Para ele, os dados constantes dos documentos do Tribunal de Contas e do Inquérito Civil Público trazem “fatos gravíssimos” ligados ao mensalão. “Foi o ex-Presidente Lula quem praticou atos materiais que fomentaram esse gigantesco esquema criminoso, e sem a presença dele na ação penal, o STF não terá elementos para condenar os líderes, mormente os autores intelectuais do esquema criminoso, pois estes não praticaram atos materiais e não deixaram rastros. Do jeito que está, apenas os integrantes braçais da “sofisticada organização criminosa” (o mensalão no dizer da denúncia levada ao STF) serão condenados” continua.

Cartas da Previdência

De acordo com Pastana, as provas que responsabilizam Lula vêm do conjunto de atitudes do governo que culminaram com o envio, em setembro de 2004, de mais de dez milhões de cartas a aposentados do INSS. As cartas, com timbre da Presidência e assinadas pelo próprio Lula e por Amir Lando, informavam sobre a existência do sistema de crédito consignado administrado pelo BMG. Como consequência, o banco, com apenas dez agências no país, faturou mais de R$ 3 bilhões em contratos de empréstimos com os aposentados. Além do BMG, o único banco habilitado a também operar tais empréstimos era a Caixa Econômica Federal, que tem mais de duas mil agências espalhadas pelo país. Graças à carta de Lula, o BMG obteve lucro maior que a Caixa.

O benefício ao BMG no processo já estava anotado na denúncia inicial do mensalão. “Ficou comprovado que o Banco BMG foi flagrantemente beneficiado por ações do núcleo político-partidários, que lhe garantiram lucros bilionários na operacionalização de empréstimos consignados de servidores públicos, pensionistas e aposentados do INSS, partir de 2003, quando foi editada a Medida Provisória nº 130, de 17.09.03, dispondo sobre o desconto de prestações em folha de pagamento dos servidores públicos e também autorizando o INSS a regulamentar o desconto de empréstimos bancários a seus segurados”, diz a Ação 470, em trâmite no STF.

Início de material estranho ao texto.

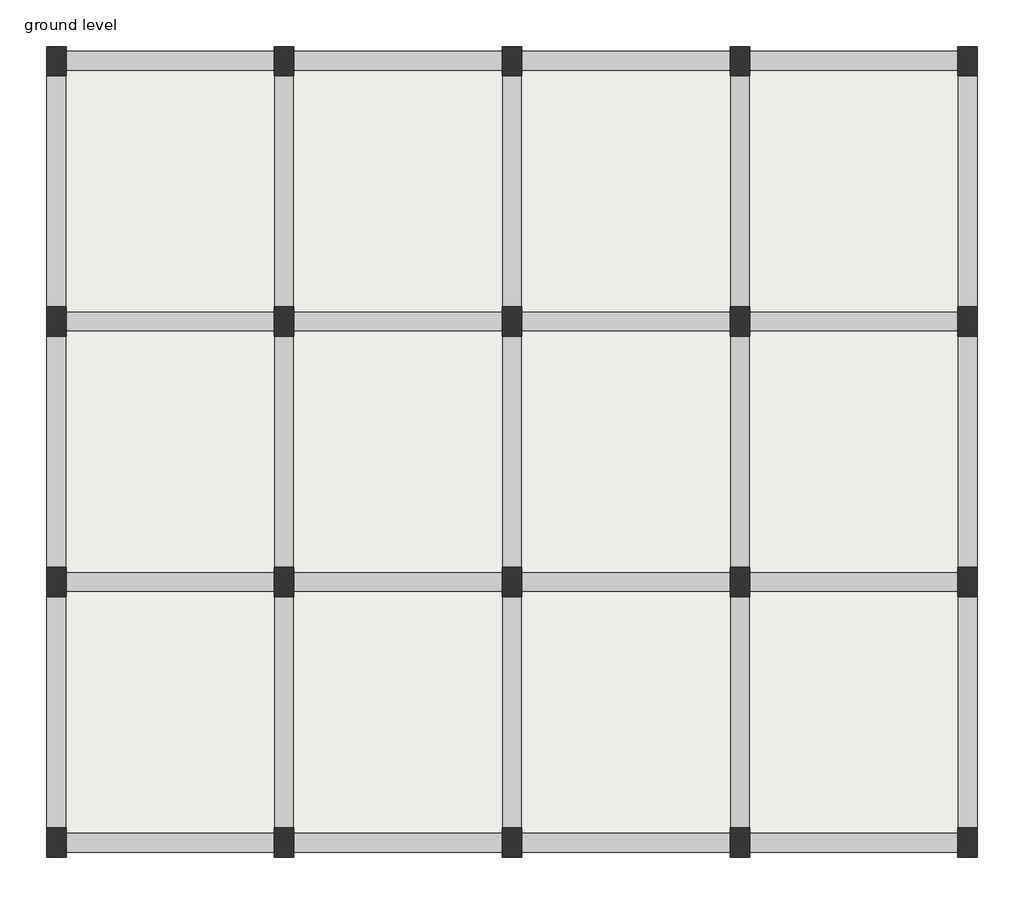
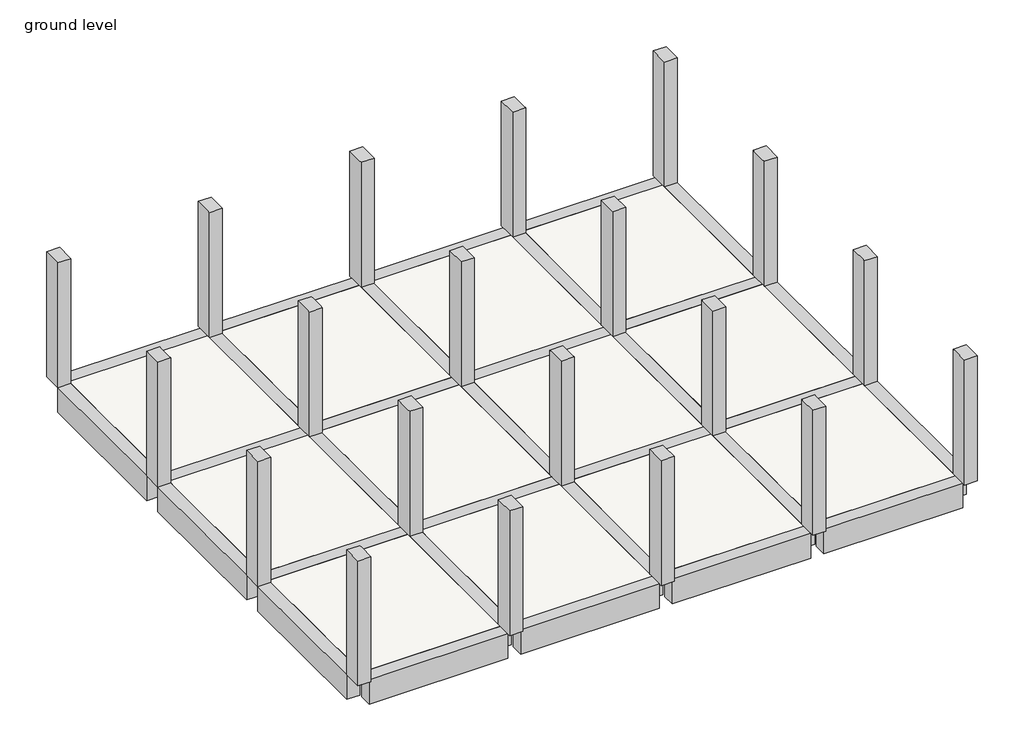
# One storey: 31 beams, 20 columns, 12 slabs.
"""IFC4 building model written with IfcOpenShell, lengths in millimetres."""

from ifc_helpers import new_model, si_unit, frame, origin, place, context, project, spatial, polyline, outline, extrude, faceted_brep, element, save

model = new_model("IFC4")

# Units and contexts
model_context = context("Model", 3, world=origin())
ifc_project = project(units=[si_unit("LENGTHUNIT", "METRE", prefix="MILLI")], contexts=[model_context])

# Site, building, storey
site = spatial("IfcSite", under=ifc_project)
building = spatial("IfcBuilding", under=site)
storey = spatial("IfcBuildingStorey", under=building, Name="ground level", Elevation=0.0)

# Beams
placement = place(None, origin())
element("IfcBeam", 1, ObjectType="M_Concrete-Rectangular Beam : 300 x 600mm", at=placement, inside=storey, context=model_context, shape_type="SweptSolid", body=[
    extrude(outline(polyline([(-11089.0800189, 5761.4575251), (-11389.0800189, 5761.4575251), (-11389.0800189, 9311.4575251), (-11089.0800189, 9311.4575251), (-11089.0800189, 5761.4575251)])), frame((0.0, 0.0, -600.0), z_axis=(0.0, 0.0, 1.0), x_axis=(1.0, 0.0, 0.0)), (0.0, 0.0, 1.0), 600.0),
])
element("IfcBeam", 2, ObjectType="M_Concrete-Rectangular Beam : 300 x 600mm", at=placement, inside=storey, context=model_context, shape_type="SweptSolid", body=[
    extrude(outline(polyline([(-11089.0800189, 9761.4575251), (-11389.0800189, 9761.4575251), (-11389.0800189, 13311.4575251), (-11089.0800189, 13311.4575251), (-11089.0800189, 9761.4575251)])), frame((0.0, 0.0, -600.0), z_axis=(0.0, 0.0, 1.0), x_axis=(1.0, 0.0, 0.0)), (0.0, 0.0, 1.0), 600.0),
])
element("IfcBeam", 3, ObjectType="M_Concrete-Rectangular Beam : 300 x 600mm", at=placement, inside=storey, context=model_context, shape_type="SweptSolid", body=[
    extrude(outline(polyline([(-11089.0800189, 13761.4575251), (-11389.0800189, 13761.4575251), (-11389.0800189, 17311.4575251), (-11089.0800189, 17311.4575251), (-11089.0800189, 13761.4575251)])), frame((0.0, 0.0, -600.0), z_axis=(0.0, 0.0, 1.0), x_axis=(1.0, 0.0, 0.0)), (0.0, 0.0, 1.0), 600.0),
])
element("IfcBeam", 4, ObjectType="M_Concrete-Rectangular Beam : 300 x 600mm", at=placement, inside=storey, context=model_context, shape_type="SweptSolid", body=[
    extrude(outline(polyline([(-7589.0800189, 5761.4575251), (-7889.0800189, 5761.4575251), (-7889.0800189, 9311.4575251), (-7589.0800189, 9311.4575251), (-7589.0800189, 5761.4575251)])), frame((0.0, 0.0, -600.0), z_axis=(0.0, 0.0, 1.0), x_axis=(1.0, 0.0, 0.0)), (0.0, 0.0, 1.0), 600.0),
])
element("IfcBeam", 5, ObjectType="M_Concrete-Rectangular Beam : 300 x 600mm", at=placement, inside=storey, context=model_context, shape_type="SweptSolid", body=[
    extrude(outline(polyline([(-7589.0800189, 9761.4575251), (-7889.0800189, 9761.4575251), (-7889.0800189, 13311.4575251), (-7589.0800189, 13311.4575251), (-7589.0800189, 9761.4575251)])), frame((0.0, 0.0, -600.0), z_axis=(0.0, 0.0, 1.0), x_axis=(1.0, 0.0, 0.0)), (0.0, 0.0, 1.0), 600.0),
])
element("IfcBeam", 6, ObjectType="M_Concrete-Rectangular Beam : 300 x 600mm", at=placement, inside=storey, context=model_context, shape_type="SweptSolid", body=[
    extrude(outline(polyline([(-7589.0800189, 13761.4575251), (-7889.0800189, 13761.4575251), (-7889.0800189, 17311.4575251), (-7589.0800189, 17311.4575251), (-7589.0800189, 13761.4575251)])), frame((0.0, 0.0, -600.0), z_axis=(0.0, 0.0, 1.0), x_axis=(1.0, 0.0, 0.0)), (0.0, 0.0, 1.0), 600.0),
])
element("IfcBeam", 7, ObjectType="M_Concrete-Rectangular Beam : 300 x 600mm", at=placement, inside=storey, context=model_context, shape_type="SweptSolid", body=[
    extrude(outline(polyline([(-4089.0800189, 5761.4575251), (-4389.0800189, 5761.4575251), (-4389.0800189, 9311.4575251), (-4089.0800189, 9311.4575251), (-4089.0800189, 5761.4575251)])), frame((0.0, 0.0, -600.0), z_axis=(0.0, 0.0, 1.0), x_axis=(1.0, 0.0, 0.0)), (0.0, 0.0, 1.0), 600.0),
])
element("IfcBeam", 8, ObjectType="M_Concrete-Rectangular Beam : 300 x 600mm", at=placement, inside=storey, context=model_context, shape_type="SweptSolid", body=[
    extrude(outline(polyline([(-4089.0800189, 9761.4575251), (-4389.0800189, 9761.4575251), (-4389.0800189, 13311.4575251), (-4089.0800189, 13311.4575251), (-4089.0800189, 9761.4575251)])), frame((0.0, 0.0, -600.0), z_axis=(0.0, 0.0, 1.0), x_axis=(1.0, 0.0, 0.0)), (0.0, 0.0, 1.0), 600.0),
])
element("IfcBeam", 9, ObjectType="M_Concrete-Rectangular Beam : 300 x 600mm", at=placement, inside=storey, context=model_context, shape_type="SweptSolid", body=[
    extrude(outline(polyline([(-4089.0800189, 13761.4575251), (-4389.0800189, 13761.4575251), (-4389.0800189, 17311.4575251), (-4089.0800189, 17311.4575251), (-4089.0800189, 13761.4575251)])), frame((0.0, 0.0, -600.0), z_axis=(0.0, 0.0, 1.0), x_axis=(1.0, 0.0, 0.0)), (0.0, 0.0, 1.0), 600.0),
])
element("IfcBeam", 10, ObjectType="M_Concrete-Rectangular Beam : 300 x 600mm", at=placement, inside=storey, context=model_context, shape_type="SweptSolid", body=[
    extrude(outline(polyline([(-589.0800189, 5761.4575251), (-889.0800189, 5761.4575251), (-889.0800189, 9311.4575251), (-589.0800189, 9311.4575251), (-589.0800189, 5761.4575251)])), frame((0.0, 0.0, -600.0), z_axis=(0.0, 0.0, 1.0), x_axis=(1.0, 0.0, 0.0)), (0.0, 0.0, 1.0), 600.0),
])
element("IfcBeam", 11, ObjectType="M_Concrete-Rectangular Beam : 300 x 600mm", at=placement, inside=storey, context=model_context, shape_type="SweptSolid", body=[
    extrude(outline(polyline([(-589.0800189, 9761.4575251), (-889.0800189, 9761.4575251), (-889.0800189, 13311.4575251), (-589.0800189, 13311.4575251), (-589.0800189, 9761.4575251)])), frame((0.0, 0.0, -600.0), z_axis=(0.0, 0.0, 1.0), x_axis=(1.0, 0.0, 0.0)), (0.0, 0.0, 1.0), 600.0),
])
element("IfcBeam", 12, ObjectType="M_Concrete-Rectangular Beam : 300 x 600mm", at=placement, inside=storey, context=model_context, shape_type="SweptSolid", body=[
    extrude(outline(polyline([(-589.0800189, 13761.4575251), (-889.0800189, 13761.4575251), (-889.0800189, 17311.4575251), (-589.0800189, 17311.4575251), (-589.0800189, 13761.4575251)])), frame((0.0, 0.0, -600.0), z_axis=(0.0, 0.0, 1.0), x_axis=(1.0, 0.0, 0.0)), (0.0, 0.0, 1.0), 600.0),
])
element("IfcBeam", 13, ObjectType="M_Concrete-Rectangular Beam : 300 x 600mm", at=placement, inside=storey, context=model_context, shape_type="SweptSolid", body=[
    extrude(outline(polyline([(2910.9199811, 5761.4575251), (2610.9199811, 5761.4575251), (2610.9199811, 9311.4575251), (2910.9199811, 9311.4575251), (2910.9199811, 5761.4575251)])), frame((0.0, 0.0, -600.0), z_axis=(0.0, 0.0, 1.0), x_axis=(1.0, 0.0, 0.0)), (0.0, 0.0, 1.0), 600.0),
])
element("IfcBeam", 14, ObjectType="M_Concrete-Rectangular Beam : 300 x 600mm", at=placement, inside=storey, context=model_context, shape_type="SweptSolid", body=[
    extrude(outline(polyline([(2910.9199811, 9761.4575251), (2610.9199811, 9761.4575251), (2610.9199811, 13311.4575251), (2910.9199811, 13311.4575251), (2910.9199811, 9761.4575251)])), frame((0.0, 0.0, -600.0), z_axis=(0.0, 0.0, 1.0), x_axis=(1.0, 0.0, 0.0)), (0.0, 0.0, 1.0), 600.0),
])
element("IfcBeam", 15, ObjectType="M_Concrete-Rectangular Beam : 300 x 600mm", at=placement, inside=storey, context=model_context, shape_type="SweptSolid", body=[
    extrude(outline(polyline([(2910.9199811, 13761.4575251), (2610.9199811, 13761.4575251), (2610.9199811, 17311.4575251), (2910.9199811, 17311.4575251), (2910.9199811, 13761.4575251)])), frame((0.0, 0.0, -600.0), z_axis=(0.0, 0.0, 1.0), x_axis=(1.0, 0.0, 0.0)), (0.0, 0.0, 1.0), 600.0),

“O que a denúncia do mensalão não apontou e agora está categoricamente demonstrada, mediante provas robustas, é a participação decisiva do ex-Presidente Lula na trama arquitetada para favorecer o banco BMG com tais empréstimos”, diz Pastana agora, na representação.

Para que o BMG conseguisse operar o crédito consignado, diz o procurador gaúcho, “violaram-se regras elementares que norteiam a Administração Pública”. O primeiro ato relativo ao crédito consignado foi a Medida Provisória 130, de 17 de setembro de 2003. Ela permite a criação da modalidade de empréstimos descontados em folha de pagamento a segurados do INSS. Para Pastana, a concessão de empréstimos bancários não caberia nos critérios de urgência e relevância que devem nortear a edição de uma MP.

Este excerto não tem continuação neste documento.